Personal information
- Born: 31 March 1990 (age 36) Karlshamn, Sweden
- Nationality: Swedish
- Height: 1.88 m (6 ft 2 in)
- Playing position: Centre back

Club information
- Current club: Fenix Toulouse
- Number: 4

Youth career
- Team
- –: Karlshamn HF

Senior clubs
- Years: Team
- 2008–2015: IFK Kristianstad
- 2015–2018: Skjern Håndbold
- 2018–2020: Fenix Toulouse
- 2020–2025: IFK Kristianstad

National team ^{1}
- Years: Team / Apps / (Gls)
- 2012–2019: Sweden / 62 / (116)

= Markus Olsson =

Swedish handball player (born 1990)

Markus Olsson (born 31 March 1990) is a Swedish former handball player who played for the Swedish national team.

== Career ==
Olsson started playing handball at his hometown club Karlshamn HF, and in 2008, he joined IFK Kristianstad.
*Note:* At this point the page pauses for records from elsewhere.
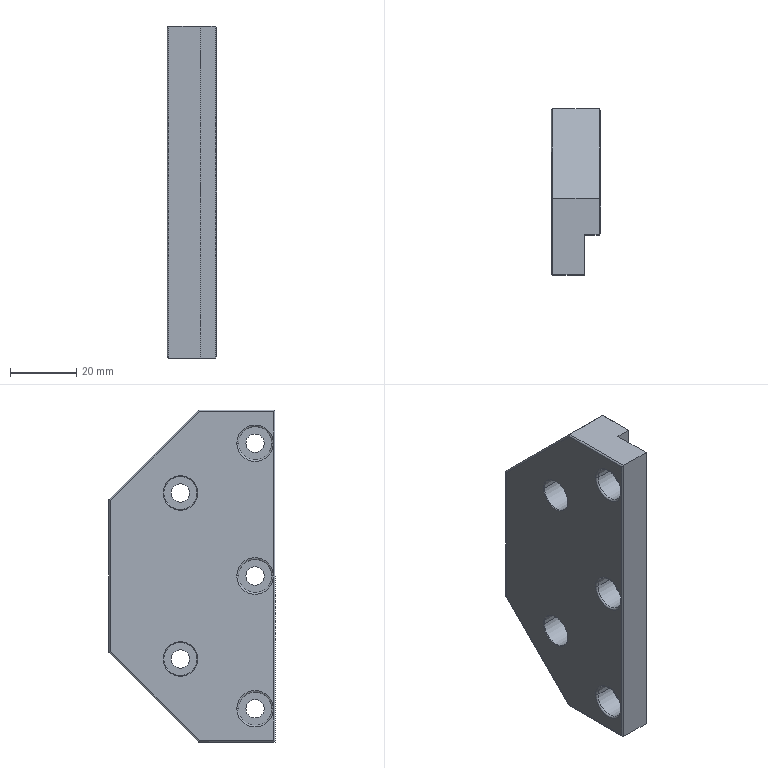Component | SolidWorks | Z-AxisElectricScrewdriverFixingPlateBottomPlate-1 | 1 solid | 67 faces | volume 54004 mm3 | cylinder 30 | plane 23 | cone 8 | torus 6 | commonest cylinder face diameters 10 x10 5.5 x10 1 x6 12.1 x4
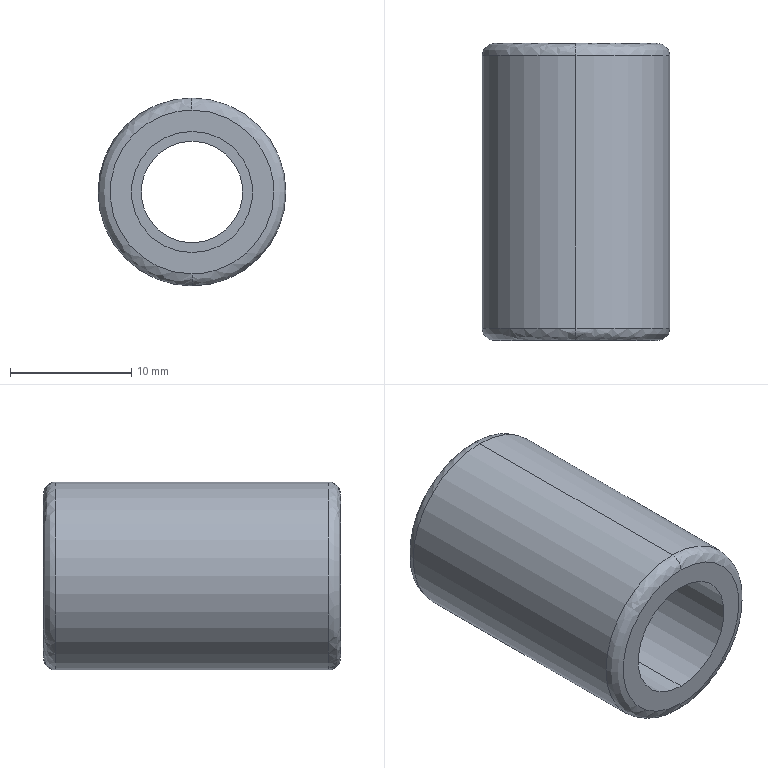Component | SolidWorks | SC-80x75(000)-1_11-1 | 1 solid | 27 faces | box 15.5 x 24.5 x 15.5 mm | volume 2654 mm3 | plane 15 | cylinder 6 | spline 4 | cone 2 | commonest cylinder face diameters 10 x2 15.5 x2 8.376 x2
STEP:
#1=COLOUR_RGB('',0.7922,0.8196,0.9333);
#2=FILL_AREA_STYLE_COLOUR('',#1);
#3=FILL_AREA_STYLE('',(#2));
#4=SURFACE_STYLE_FILL_AREA(#3);
#5=SURFACE_SIDE_STYLE('',(#4));
#6=SURFACE_STYLE_USAGE(.BOTH.,#5);
#7=PRESENTATION_STYLE_ASSIGNMENT((#6));
#8=CARTESIAN_POINT('',(-0.5951,7.131,9.518));
#9=VERTEX_POINT('',#8);
#10=CARTESIAN_POINT('',(-0.5951,7.131,8.986));
#11=VERTEX_POINT('',#10);
#12=CARTESIAN_POINT('',(-0.5951,7.131,9.518));
#13=CARTESIAN_POINT('',(-1.127,7.131,9.518));
#14=CARTESIAN_POINT('',(-1.127,7.131,8.986));
#15=CARTESIAN_POINT('',(-0.5951,7.131,8.986));
#16=(BOUNDED_CURVE()B_SPLINE_CURVE(3,(#12,#13,#14,#15),.UNSPECIFIED.,.F.,.F.)B_SPLINE_CURVE_WITH_KNOTS((4,4),(0.,1.),.UNSPECIFIED.)CURVE()GEOMETRIC_REPRESENTATION_ITEM()RATIONAL_B_SPLINE_CURVE((1.,0.3333,0.3333,1.))REPRESENTATION_ITEM(''));
#17=EDGE_CURVE('',#9,#11,#16,.T.);
#18=ORIENTED_EDGE('',*,*,#17,.T.);
#19=CARTESIAN_POINT('',(-0.5951,7.092,8.947));
#20=VERTEX_POINT('',#19);
#21=CARTESIAN_POINT('',(-0.5951,7.092,8.986));
#22=DIRECTION('',(-1.,-0.,-0.));
#23=DIRECTION('',(0.,0.,-1.));
#24=AXIS2_PLACEMENT_3D('',#21,#22,#23);
#25=CIRCLE('',#24,0.03937);
#26=EDGE_CURVE('',#11,#20,#25,.T.);
#27=ORIENTED_EDGE('',*,*,#26,.T.);
#28=CARTESIAN_POINT('',(-0.5951,7.092,9.557));
#29=VERTEX_POINT('',#28);
#30=CARTESIAN_POINT('',(-0.5951,7.092,9.252));
#31=DIRECTION('',(0.,-1.,0.));
#32=DIRECTION('',(-0.,0.,1.));
#33=AXIS2_PLACEMENT_3D('',#30,#31,#32);
#34=CIRCLE('',#33,0.3051);
#35=EDGE_CURVE('',#29,#20,#34,.T.);
#36=ORIENTED_EDGE('',*,*,#35,.F.);
#37=CARTESIAN_POINT('',(-0.5951,7.092,9.518));
#38=DIRECTION('',(1.,0.,0.));
#39=DIRECTION('',(0.,0.,1.));
#40=AXIS2_PLACEMENT_3D('',#37,#38,#39);
#41=CIRCLE('',#40,0.03937);
#42=EDGE_CURVE('',#9,#29,#41,.T.);
#43=ORIENTED_EDGE('',*,*,#42,.F.);
#44=EDGE_LOOP('',(#18,#27,#36,#43));
#45=FACE_OUTER_BOUND('',#44,.T.);
#46=CARTESIAN_POINT('',(-0.5951,7.131,8.986));
#47=CARTESIAN_POINT('',(-1.127,7.131,8.986));
#48=CARTESIAN_POINT('',(-1.127,7.131,9.518));
#49=CARTESIAN_POINT('',(-0.5951,7.131,9.518));
#50=CARTESIAN_POINT('',(-0.5951,7.131,8.963));
#51=CARTESIAN_POINT('',(-1.173,7.131,8.963));
#52=CARTESIAN_POINT('',(-1.173,7.131,9.541));
#53=CARTESIAN_POINT('',(-0.5951,7.131,9.541));
#54=CARTESIAN_POINT('',(-0.5951,7.115,8.947));
#55=CARTESIAN_POINT('',(-1.205,7.115,8.947));
#56=CARTESIAN_POINT('',(-1.205,7.115,9.557));
#57=CARTESIAN_POINT('',(-0.5951,7.115,9.557));
#58=CARTESIAN_POINT('',(-0.5951,7.092,8.947));
#59=CARTESIAN_POINT('',(-1.205,7.092,8.947));
#60=CARTESIAN_POINT('',(-1.205,7.092,9.557));
#61=CARTESIAN_POINT('',(-0.5951,7.092,9.557));
#62=(BOUNDED_SURFACE()B_SPLINE_SURFACE(3,3,((#46,#47,#48,#49),(#50,#51,#52,#53),(#54,#55,#56,#57),(#58,#59,#60,#61)),.UNSPECIFIED.,.F.,.F.,.T.)B_SPLINE_SURFACE_WITH_KNOTS((4,4),(4,4),(0.,1.),(0.,1.),.UNSPECIFIED.)GEOMETRIC_REPRESENTATION_ITEM()RATIONAL_B_SPLINE_SURFACE(((1.,0.3333,0.3333,1.),(0.8047,0.2682,0.2682,0.8047),(0.8047,0.2682,0.2682,0.8047),(1.,0.3333,0.3333,1.)))REPRESENTATION_ITEM('')SURFACE());
#63=ADVANCED_FACE('',(#45),#62,.T.);
#64=CARTESIAN_POINT('',(-0.5951,6.206,8.947));
#65=VERTEX_POINT('',#64);
#66=CARTESIAN_POINT('',(-0.5951,6.206,9.557));
#67=VERTEX_POINT('',#66);
#68=CARTESIAN_POINT('',(-0.5951,6.206,9.252));
#69=DIRECTION('',(-0.,1.,-0.));
#70=DIRECTION('',(-0.,0.,1.));
#71=AXIS2_PLACEMENT_3D('',#68,#69,#70);
#72=CIRCLE('',#71,0.3051);
#73=EDGE_CURVE('',#65,#67,#72,.T.);
#74=ORIENTED_EDGE('',*,*,#73,.F.);
#75=CARTESIAN_POINT('',(-0.5951,6.167,8.986));
#76=VERTEX_POINT('',#75);
#77=CARTESIAN_POINT('',(-0.5951,6.206,8.986));
#78=DIRECTION('',(-1.,-0.,-0.));
#79=DIRECTION('',(0.,0.,-1.));
#80=AXIS2_PLACEMENT_3D('',#77,#78,#79);
#81=CIRCLE('',#80,0.03937);
#82=EDGE_CURVE('',#65,#76,#81,.T.);
#83=ORIENTED_EDGE('',*,*,#82,.T.);
#84=CARTESIAN_POINT('',(-0.5951,6.167,9.518));
#85=VERTEX_POINT('',#84);
#86=CARTESIAN_POINT('',(-0.5951,6.167,8.986));
#87=CARTESIAN_POINT('',(-1.127,6.167,8.986));
#88=CARTESIAN_POINT('',(-1.127,6.167,9.518));
#89=CARTESIAN_POINT('',(-0.5951,6.167,9.518));
#90=(BOUNDED_CURVE()B_SPLINE_CURVE(3,(#86,#87,#88,#89),.UNSPECIFIED.,.F.,.F.)B_SPLINE_CURVE_WITH_KNOTS((4,4),(0.,1.),.UNSPECIFIED.)CURVE()GEOMETRIC_REPRESENTATION_ITEM()RATIONAL_B_SPLINE_CURVE((1.,0.3333,0.3333,1.))REPRESENTATION_ITEM(''));
#91=EDGE_CURVE('',#76,#85,#90,.T.);
#92=ORIENTED_EDGE('',*,*,#91,.T.);
#93=CARTESIAN_POINT('',(-0.5951,6.206,9.518));
#94=DIRECTION('',(1.,0.,0.));
#95=DIRECTION('',(0.,0.,1.));
#96=AXIS2_PLACEMENT_3D('',#93,#94,#95);
#97=CIRCLE('',#96,0.03937);
#98=EDGE_CURVE('',#67,#85,#97,.T.);
#99=ORIENTED_EDGE('',*,*,#98,.F.);
#100=EDGE_LOOP('',(#74,#83,#92,#99));
#101=FACE_OUTER_BOUND('',#100,.T.);
#102=CARTESIAN_POINT('',(-0.5951,6.206,8.947));
#103=CARTESIAN_POINT('',(-1.205,6.206,8.947));
#104=CARTESIAN_POINT('',(-1.205,6.206,9.557));
#105=CARTESIAN_POINT('',(-0.5951,6.206,9.557));
#106=CARTESIAN_POINT('',(-0.5951,6.183,8.947));
#107=CARTESIAN_POINT('',(-1.205,6.183,8.947));
#108=CARTESIAN_POINT('',(-1.205,6.183,9.557));
#109=CARTESIAN_POINT('',(-0.5951,6.183,9.557));
#110=CARTESIAN_POINT('',(-0.5951,6.167,8.963));
#111=CARTESIAN_POINT('',(-1.173,6.167,8.963));
#112=CARTESIAN_POINT('',(-1.173,6.167,9.541));
#113=CARTESIAN_POINT('',(-0.5951,6.167,9.541));
#114=CARTESIAN_POINT('',(-0.5951,6.167,8.986));
#115=CARTESIAN_POINT('',(-1.127,6.167,8.986));
#116=CARTESIAN_POINT('',(-1.127,6.167,9.518));
#117=CARTESIAN_POINT('',(-0.5951,6.167,9.518));
#118=(BOUNDED_SURFACE()B_SPLINE_SURFACE(3,3,((#102,#103,#104,#105),(#106,#107,#108,#109),(#110,#111,#112,#113),(#114,#115,#116,#117)),.UNSPECIFIED.,.F.,.F.,.T.)B_SPLINE_SURFACE_WITH_KNOTS((4,4),(4,4),(0.,1.),(0.,1.),.UNSPECIFIED.)GEOMETRIC_REPRESENTATION_ITEM()RATIONAL_B_SPLINE_SURFACE(((1.,0.3333,0.3333,1.),(0.8047,0.2682,0.2682,0.8047),(0.8047,0.2682,0.2682,0.8047),(1.,0.3333,0.3333,1.)))REPRESENTATION_ITEM('')SURFACE());
#119=ADVANCED_FACE('',(#101),#118,.T.);
#120=CARTESIAN_POINT('',(-0.5951,6.919,9.449));
#121=VERTEX_POINT('',#120);
#122=CARTESIAN_POINT('',(-0.5951,6.919,9.055));
#123=VERTEX_POINT('',#122);
#124=CARTESIAN_POINT('',(-0.5951,6.919,9.252));
#125=DIRECTION('',(-0.,1.,-0.));
#126=DIRECTION('',(0.,0.,-1.));
#127=AXIS2_PLACEMENT_3D('',#124,#125,#126);
#128=CIRCLE('',#127,0.1969);
#129=EDGE_CURVE('',#121,#123,#128,.T.);
#130=ORIENTED_EDGE('',*,*,#129,.T.);
#131=CARTESIAN_POINT('',(-0.5951,6.167,9.055));
#132=VERTEX_POINT('',#131);
#133=CARTESIAN_POINT('',(-0.5951,6.919,9.055));
#134=DIRECTION('',(0.,-1.,0.));
#135=VECTOR('',#134,39.37);
#136=LINE('',#133,#135);
#137=EDGE_CURVE('',#123,#132,#136,.T.);
#138=ORIENTED_EDGE('',*,*,#137,.T.);
#139=CARTESIAN_POINT('',(-0.5951,6.167,9.449));
#140=VERTEX_POINT('',#139);
#141=CARTESIAN_POINT('',(-0.5951,6.167,9.252));
#142=DIRECTION('',(-0.,1.,-0.));
#143=DIRECTION('',(1.,0.,0.));
#144=AXIS2_PLACEMENT_3D('',#141,#142,#143);
#145=CIRCLE('',#144,0.1969);
#146=EDGE_CURVE('',#140,#132,#145,.T.);
#147=ORIENTED_EDGE('',*,*,#146,.F.);
#148=CARTESIAN_POINT('',(-0.5951,6.919,9.449));
#149=DIRECTION('',(0.,-1.,0.));
#150=VECTOR('',#149,39.37);
#151=LINE('',#148,#150);
#152=EDGE_CURVE('',#121,#140,#151,.T.);
#153=ORIENTED_EDGE('',*,*,#152,.F.);
#154=EDGE_LOOP('',(#130,#138,#147,#153));
#155=FACE_OUTER_BOUND('',#154,.T.);
#156=CARTESIAN_POINT('',(-0.5951,6.919,9.252));
#157=DIRECTION('',(0.,-1.,0.));
#158=DIRECTION('',(-0.,0.,1.));
#159=AXIS2_PLACEMENT_3D('',#156,#157,#158);
#160=CYLINDRICAL_SURFACE('',#159,0.1969);
#161=ADVANCED_FACE('',(#155),#160,.F.);
#162=ORIENTED_EDGE('',*,*,#35,.T.);
#163=CARTESIAN_POINT('',(-0.5951,6.649,8.947));
#164=DIRECTION('',(0.,-1.,0.));
#165=VECTOR('',#164,39.37);
#166=LINE('',#163,#165);
#167=EDGE_CURVE('',#20,#65,#166,.T.);
#168=ORIENTED_EDGE('',*,*,#167,.T.);
#169=ORIENTED_EDGE('',*,*,#73,.T.);
#170=CARTESIAN_POINT('',(-0.5951,6.649,9.557));
#171=DIRECTION('',(0.,-1.,0.));
#172=VECTOR('',#171,39.37);
#173=LINE('',#170,#172);
#174=EDGE_CURVE('',#29,#67,#173,.T.);
#175=ORIENTED_EDGE('',*,*,#174,.F.);
#176=EDGE_LOOP('',(#162,#168,#169,#175));
#177=FACE_OUTER_BOUND('',#176,.T.);
#178=CARTESIAN_POINT('',(-0.5951,6.649,9.252));
#179=DIRECTION('',(0.,-1.,0.));
#180=DIRECTION('',(-0.,0.,1.));
#181=AXIS2_PLACEMENT_3D('',#178,#179,#180);
#182=CYLINDRICAL_SURFACE('',#181,0.3051);
#183=ADVANCED_FACE('',(#177),#182,.T.);
#184=CARTESIAN_POINT('',(-0.5951,6.922,9.087));
#185=VERTEX_POINT('',#184);
#186=CARTESIAN_POINT('',(-0.5951,6.922,9.417));
#187=VERTEX_POINT('',#186);
#188=CARTESIAN_POINT('',(-0.5951,6.922,9.252));
#189=DIRECTION('',(0.,-1.,0.));
#190=DIRECTION('',(-0.,0.,1.));
#191=AXIS2_PLACEMENT_3D('',#188,#189,#190);
#192=CIRCLE('',#191,0.1649);
#193=EDGE_CURVE('',#185,#187,#192,.T.);
#194=ORIENTED_EDGE('',*,*,#193,.F.);
#195=CARTESIAN_POINT('',(-0.5951,6.919,9.087));
#196=VERTEX_POINT('',#195);
#197=CARTESIAN_POINT('',(-0.5951,6.561,9.087));
#198=DIRECTION('',(0.,-1.,0.));
#199=VECTOR('',#198,39.37);
#200=LINE('',#197,#199);
#201=EDGE_CURVE('',#185,#196,#200,.T.);
#202=ORIENTED_EDGE('',*,*,#201,.T.);
#203=CARTESIAN_POINT('',(-0.5951,6.919,9.417));
#204=VERTEX_POINT('',#203);
#205=CARTESIAN_POINT('',(-0.5951,6.919,9.252));
#206=DIRECTION('',(0.,-1.,0.));
#207=DIRECTION('',(0.,0.,-1.));
#208=AXIS2_PLACEMENT_3D('',#205,#206,#207);
#209=CIRCLE('',#208,0.1649);
#210=EDGE_CURVE('',#196,#204,#209,.T.);
#211=ORIENTED_EDGE('',*,*,#210,.T.);
#212=CARTESIAN_POINT('',(-0.5951,6.561,9.417));
#213=DIRECTION('',(0.,-1.,0.));
#214=VECTOR('',#213,39.37);
#215=LINE('',#212,#214);
#216=EDGE_CURVE('',#187,#204,#215,.T.);
#217=ORIENTED_EDGE('',*,*,#216,.F.);
#218=EDGE_LOOP('',(#194,#202,#211,#217));
#219=FACE_OUTER_BOUND('',#218,.T.);
#220=CARTESIAN_POINT('',(-0.5951,6.561,9.252));
#221=DIRECTION('',(0.,-1.,0.));
#222=DIRECTION('',(-0.,0.,1.));
#223=AXIS2_PLACEMENT_3D('',#220,#221,#222);
#224=CYLINDRICAL_SURFACE('',#223,0.1649);
#225=ADVANCED_FACE('',(#219),#224,.F.);
#226=ORIENTED_EDGE('',*,*,#193,.T.);
#227=CARTESIAN_POINT('',(-0.5951,6.954,9.449));
#228=VERTEX_POINT('',#227);
#229=CARTESIAN_POINT('',(-0.5951,6.954,9.449));
#230=DIRECTION('',(-0.,0.7071,0.7071));
#231=VECTOR('',#230,39.37);
#232=LINE('',#229,#231);
#233=EDGE_CURVE('',#187,#228,#232,.T.);
#234=ORIENTED_EDGE('',*,*,#233,.T.);
#235=CARTESIAN_POINT('',(-0.4246,6.954,9.35));
#236=VERTEX_POINT('',#235);
#237=CARTESIAN_POINT('',(-0.5951,6.954,9.252));
#238=DIRECTION('',(-0.,1.,-0.));
#239=DIRECTION('',(0.,0.,-1.));
#240=AXIS2_PLACEMENT_3D('',#237,#238,#239);
#241=CIRCLE('',#240,0.1969);
#242=EDGE_CURVE('',#228,#236,#241,.T.);
#243=ORIENTED_EDGE('',*,*,#242,.T.);
#244=CARTESIAN_POINT('',(-0.4246,6.954,9.154));
#245=VERTEX_POINT('',#244);
#246=CARTESIAN_POINT('',(-0.5951,6.954,9.252));
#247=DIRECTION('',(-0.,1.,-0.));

He won the Swedish Championship with IFK Kristianstad in 2015. The following summer he joined Danish club Skjern Håndbold. He won the Danish Men's Handball Cup in 2015 with them, as well as the 2017-18 Danish Championship.

In 2018, he joined French Fenix Toulouse Handball. In 2020, he returned to Sweden and IFK Kristianstad. In 2023, he won the double with the club. He retired after the 2024-25 season.

== Private ==
His sisters, Maria and Anna, are also handball players.